This repository provides supplemental information from the following open access paper

Knoph, R. E., Lawrence, J. F., & Francis, D. J. (2023). The Dimensionality of lexical features in general, academic, and disciplinary vocabulary. Scientific Studies of Reading.

This study analyzed 22 word features across three established word lists to determine if latent lexical dimensions exist.  We found five stable factors for high-frequency words and general academic words, while disciplinary vocabulary aligned best with the latter two factors combined:

  • Frequency – composed of frequency measures from a variety of corpora, along with large-grain measures of contextual diversity
  • Complexity – composed of the number or letters, syllables, phonemes, etc., plus Levenshtein distances
  • Proximity – composed of neighborhood densities
  • Polysemy – composed of the number of senses and meanings
  • Diversity – composed of semantic dispersion and (negatively) precision


Explore the Estimated Scores

Download estimated scores for original words


View the Exploratory Factor Analyses Results

These are the results of the exploratory factor analyses across the three reference groups.  Only loadings greater than 0.3 are included in the figures to aid readability.

GSL-Reference Model AWL-Reference Model AVL-DS-Reference Model




Watch the Density Plots

Here you can view the density plots of each lexical dimension by reference model and word sample.

  • Columns represent each of the five lexical dimensions: Frequency, Complexity, Proximity, Polysemy, and Diversity.
  • Rows represent each reference model: the model estimated using words from the General Service List (GSL; West, 1953), words from the Academic Word List (AWL; Coxhead, 2000, and words from the domain-specific section of the Academic Vocabulary List (AVL-DS; Gardner & Davies, 2014).
  • Animations loop through the density plots of four different word sets. The first is estimates for the GSL words, the second is for AWL words, third is for AVL-DS words, and the final is for all three sets of words combined.

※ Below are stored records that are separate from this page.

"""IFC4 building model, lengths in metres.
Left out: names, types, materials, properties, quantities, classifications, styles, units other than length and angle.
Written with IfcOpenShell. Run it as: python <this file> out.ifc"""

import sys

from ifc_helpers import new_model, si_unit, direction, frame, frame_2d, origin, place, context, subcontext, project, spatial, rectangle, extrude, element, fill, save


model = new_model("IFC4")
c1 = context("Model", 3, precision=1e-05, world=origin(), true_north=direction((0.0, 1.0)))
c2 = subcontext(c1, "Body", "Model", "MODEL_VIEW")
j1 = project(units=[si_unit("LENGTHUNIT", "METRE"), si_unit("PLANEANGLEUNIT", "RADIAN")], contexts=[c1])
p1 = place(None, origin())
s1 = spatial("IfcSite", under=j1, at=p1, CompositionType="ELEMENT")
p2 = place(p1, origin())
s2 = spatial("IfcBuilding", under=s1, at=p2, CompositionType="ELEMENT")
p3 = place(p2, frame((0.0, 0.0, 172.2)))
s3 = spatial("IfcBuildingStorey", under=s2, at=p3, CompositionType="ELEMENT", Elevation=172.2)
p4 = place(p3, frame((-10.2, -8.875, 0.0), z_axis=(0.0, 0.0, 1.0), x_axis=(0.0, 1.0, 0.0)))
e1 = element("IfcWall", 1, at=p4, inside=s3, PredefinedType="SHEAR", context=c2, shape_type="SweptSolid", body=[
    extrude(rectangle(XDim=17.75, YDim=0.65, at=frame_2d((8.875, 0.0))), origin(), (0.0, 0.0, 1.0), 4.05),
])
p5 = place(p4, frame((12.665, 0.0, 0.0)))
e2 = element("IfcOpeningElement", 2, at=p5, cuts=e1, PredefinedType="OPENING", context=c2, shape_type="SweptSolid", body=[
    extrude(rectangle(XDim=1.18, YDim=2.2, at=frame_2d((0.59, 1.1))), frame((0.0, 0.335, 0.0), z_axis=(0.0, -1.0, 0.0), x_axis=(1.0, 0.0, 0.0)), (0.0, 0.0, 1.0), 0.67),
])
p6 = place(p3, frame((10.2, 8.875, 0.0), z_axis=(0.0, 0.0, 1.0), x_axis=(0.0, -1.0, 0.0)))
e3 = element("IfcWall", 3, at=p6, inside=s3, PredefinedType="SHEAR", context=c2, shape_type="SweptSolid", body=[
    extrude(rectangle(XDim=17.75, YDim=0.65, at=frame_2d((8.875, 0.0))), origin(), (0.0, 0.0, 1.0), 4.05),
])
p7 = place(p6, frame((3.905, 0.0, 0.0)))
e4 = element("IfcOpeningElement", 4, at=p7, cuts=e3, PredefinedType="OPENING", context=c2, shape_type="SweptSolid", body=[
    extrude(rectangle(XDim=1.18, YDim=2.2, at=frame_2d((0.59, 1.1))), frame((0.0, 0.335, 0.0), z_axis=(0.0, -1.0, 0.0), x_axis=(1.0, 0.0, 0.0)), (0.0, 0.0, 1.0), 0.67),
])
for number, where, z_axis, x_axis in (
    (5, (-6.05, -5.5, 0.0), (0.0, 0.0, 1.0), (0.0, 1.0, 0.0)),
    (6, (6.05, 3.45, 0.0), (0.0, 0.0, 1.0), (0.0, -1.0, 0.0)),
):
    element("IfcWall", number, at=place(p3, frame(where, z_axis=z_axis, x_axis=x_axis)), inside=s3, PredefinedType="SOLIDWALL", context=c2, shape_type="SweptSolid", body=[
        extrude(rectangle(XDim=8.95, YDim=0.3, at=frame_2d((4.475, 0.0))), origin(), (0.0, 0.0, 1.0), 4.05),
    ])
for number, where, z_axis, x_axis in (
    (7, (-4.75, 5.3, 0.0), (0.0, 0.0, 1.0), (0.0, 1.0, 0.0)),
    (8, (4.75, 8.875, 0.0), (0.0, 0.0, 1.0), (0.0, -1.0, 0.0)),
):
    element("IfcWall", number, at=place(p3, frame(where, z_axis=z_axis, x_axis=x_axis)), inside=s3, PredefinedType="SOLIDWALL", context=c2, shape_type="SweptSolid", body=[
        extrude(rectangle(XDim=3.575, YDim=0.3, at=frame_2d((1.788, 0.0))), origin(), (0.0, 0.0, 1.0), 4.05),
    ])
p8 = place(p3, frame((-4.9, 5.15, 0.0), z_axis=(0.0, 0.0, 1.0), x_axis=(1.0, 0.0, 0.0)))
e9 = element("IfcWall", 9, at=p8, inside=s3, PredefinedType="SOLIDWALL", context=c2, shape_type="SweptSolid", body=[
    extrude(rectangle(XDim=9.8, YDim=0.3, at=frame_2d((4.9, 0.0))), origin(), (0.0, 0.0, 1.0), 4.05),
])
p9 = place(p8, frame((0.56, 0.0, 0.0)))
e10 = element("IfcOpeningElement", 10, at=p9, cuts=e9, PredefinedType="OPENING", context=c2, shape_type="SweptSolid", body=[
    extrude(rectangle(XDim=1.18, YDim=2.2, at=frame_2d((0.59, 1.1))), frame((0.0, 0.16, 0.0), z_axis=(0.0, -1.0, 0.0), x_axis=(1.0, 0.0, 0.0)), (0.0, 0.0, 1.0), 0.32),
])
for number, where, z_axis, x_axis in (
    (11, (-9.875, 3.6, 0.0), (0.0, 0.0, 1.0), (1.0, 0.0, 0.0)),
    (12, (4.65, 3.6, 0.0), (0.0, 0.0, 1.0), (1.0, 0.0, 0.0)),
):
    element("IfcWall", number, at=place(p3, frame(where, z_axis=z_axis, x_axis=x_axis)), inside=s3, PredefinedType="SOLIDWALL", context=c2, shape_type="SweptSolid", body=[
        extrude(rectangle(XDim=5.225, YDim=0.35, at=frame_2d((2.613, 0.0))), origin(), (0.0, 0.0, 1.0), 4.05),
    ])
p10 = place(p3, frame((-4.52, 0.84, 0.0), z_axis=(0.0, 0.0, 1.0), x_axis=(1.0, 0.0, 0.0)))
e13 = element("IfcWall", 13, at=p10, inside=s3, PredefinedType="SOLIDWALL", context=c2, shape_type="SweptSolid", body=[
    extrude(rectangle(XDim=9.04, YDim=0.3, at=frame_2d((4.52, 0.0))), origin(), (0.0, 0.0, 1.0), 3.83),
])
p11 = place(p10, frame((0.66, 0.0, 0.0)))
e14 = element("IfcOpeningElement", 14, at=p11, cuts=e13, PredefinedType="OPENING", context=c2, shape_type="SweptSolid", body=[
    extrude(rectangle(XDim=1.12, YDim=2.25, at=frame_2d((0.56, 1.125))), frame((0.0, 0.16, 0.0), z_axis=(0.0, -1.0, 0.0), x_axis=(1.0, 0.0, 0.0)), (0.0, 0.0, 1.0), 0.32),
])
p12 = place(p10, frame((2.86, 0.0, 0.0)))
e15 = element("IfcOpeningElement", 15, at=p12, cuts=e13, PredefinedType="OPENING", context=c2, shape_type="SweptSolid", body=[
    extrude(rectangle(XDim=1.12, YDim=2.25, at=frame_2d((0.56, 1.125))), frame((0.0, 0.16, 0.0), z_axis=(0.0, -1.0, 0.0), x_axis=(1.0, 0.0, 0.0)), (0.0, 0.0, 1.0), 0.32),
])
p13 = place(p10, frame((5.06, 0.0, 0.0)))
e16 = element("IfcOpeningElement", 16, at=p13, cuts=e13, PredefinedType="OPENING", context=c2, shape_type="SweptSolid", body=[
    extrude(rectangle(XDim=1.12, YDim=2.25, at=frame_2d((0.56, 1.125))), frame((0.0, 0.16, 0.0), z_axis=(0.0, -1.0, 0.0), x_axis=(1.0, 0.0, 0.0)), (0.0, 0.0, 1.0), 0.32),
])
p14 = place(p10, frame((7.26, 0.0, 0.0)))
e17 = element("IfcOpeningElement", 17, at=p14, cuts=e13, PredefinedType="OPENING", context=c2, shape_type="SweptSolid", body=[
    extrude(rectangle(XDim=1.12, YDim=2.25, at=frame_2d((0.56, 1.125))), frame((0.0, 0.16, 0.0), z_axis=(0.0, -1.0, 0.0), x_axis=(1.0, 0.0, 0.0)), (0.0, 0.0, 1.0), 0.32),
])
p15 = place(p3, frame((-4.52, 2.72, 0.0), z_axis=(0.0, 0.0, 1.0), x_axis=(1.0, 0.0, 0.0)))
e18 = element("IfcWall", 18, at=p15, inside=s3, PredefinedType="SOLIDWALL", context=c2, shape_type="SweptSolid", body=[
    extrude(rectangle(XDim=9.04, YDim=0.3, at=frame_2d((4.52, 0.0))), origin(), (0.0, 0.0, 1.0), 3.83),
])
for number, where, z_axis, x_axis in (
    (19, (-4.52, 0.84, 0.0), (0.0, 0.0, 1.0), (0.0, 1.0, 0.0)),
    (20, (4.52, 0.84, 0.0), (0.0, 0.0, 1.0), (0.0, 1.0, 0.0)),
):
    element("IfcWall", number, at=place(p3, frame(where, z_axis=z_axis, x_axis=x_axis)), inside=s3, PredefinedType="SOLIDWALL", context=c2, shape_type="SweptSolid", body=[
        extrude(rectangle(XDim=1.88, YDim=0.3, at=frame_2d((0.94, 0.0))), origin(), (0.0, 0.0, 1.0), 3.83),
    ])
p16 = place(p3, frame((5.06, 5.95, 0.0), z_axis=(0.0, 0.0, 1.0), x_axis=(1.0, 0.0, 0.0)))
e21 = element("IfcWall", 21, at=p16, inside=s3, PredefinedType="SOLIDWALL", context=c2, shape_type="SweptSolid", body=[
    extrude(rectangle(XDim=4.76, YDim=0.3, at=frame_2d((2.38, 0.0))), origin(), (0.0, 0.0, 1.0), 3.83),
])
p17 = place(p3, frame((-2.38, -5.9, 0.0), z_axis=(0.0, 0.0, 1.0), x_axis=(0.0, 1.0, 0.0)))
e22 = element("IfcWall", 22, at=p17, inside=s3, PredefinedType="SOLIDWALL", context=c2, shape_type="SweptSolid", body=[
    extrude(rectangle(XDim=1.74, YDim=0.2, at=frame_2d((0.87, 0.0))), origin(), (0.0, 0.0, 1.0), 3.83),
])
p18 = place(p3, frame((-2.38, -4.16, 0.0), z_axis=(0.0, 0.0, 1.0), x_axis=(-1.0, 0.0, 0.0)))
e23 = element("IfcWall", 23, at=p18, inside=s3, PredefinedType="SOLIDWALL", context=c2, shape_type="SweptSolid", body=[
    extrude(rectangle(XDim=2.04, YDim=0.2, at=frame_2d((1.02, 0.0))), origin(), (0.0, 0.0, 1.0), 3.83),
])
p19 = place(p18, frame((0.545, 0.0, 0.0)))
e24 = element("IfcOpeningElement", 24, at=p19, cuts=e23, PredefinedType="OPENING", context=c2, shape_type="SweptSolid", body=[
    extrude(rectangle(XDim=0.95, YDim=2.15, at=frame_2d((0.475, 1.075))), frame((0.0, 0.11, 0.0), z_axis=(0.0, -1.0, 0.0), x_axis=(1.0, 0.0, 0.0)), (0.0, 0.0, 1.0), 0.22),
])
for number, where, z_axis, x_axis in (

You can use this example still image of the top left animation:

  • The plot furthest to the right is estimates on Frequency for GSL words using the GSL-reference model.
  • The middle plot is estimates on Frequency for AWL words using the GSL-reference model.
  • The plot furthest to the left is estimates on Frequency for AVL-DS words using the GSL-reference model.
  • The flat plot that overlaps all of the plots is estimates on Frequency for all of the word sets using the GSL-reference model.

Density Plot for Word Set 3.909


Animated Representations of Figure 5. Word Set 1 = GSL, Word Set 2 = AWL, Word Set 3 = AVLDS, Word Set 4 = All Words
Frequency Complexity Proximity Polysemy Diversity
GSL-Reference Model
AWL-Reference Model
AVL-DS-Reference Model


Related Work

See related work that uses and discusses these latent dimensions:

Lawrence, J. F., Knoph, R. E., McIlraith, A., Kulesz, P. A., Francis, D. J. (2022). Reading comprehension and academic vocabulary: Exploring relations of item features and reading proficiency. Reading Research Quarterly, 57(2), 669-690.

This study analyzed academic vocabulary assessment data from monolingual English students in middle school to understand the relationship between various word characteristics and students’ knowledge across reading abilities. Results showed that words with multiple meanings (high Polysemy scores) were generally easier for all students.  It also showed that strong readers were more sensitive to word frequency and struggling readers were more sensitive to word complexity.


Lawrence, J. (2022, May 13). Teaching Academic Vocabulary Words. Reading Ways.

This blog discusses the importance of teaching academic vocabulary so that students can understand texts across disciplines in school.  It provides an overview of the two previous research papers for practitioners.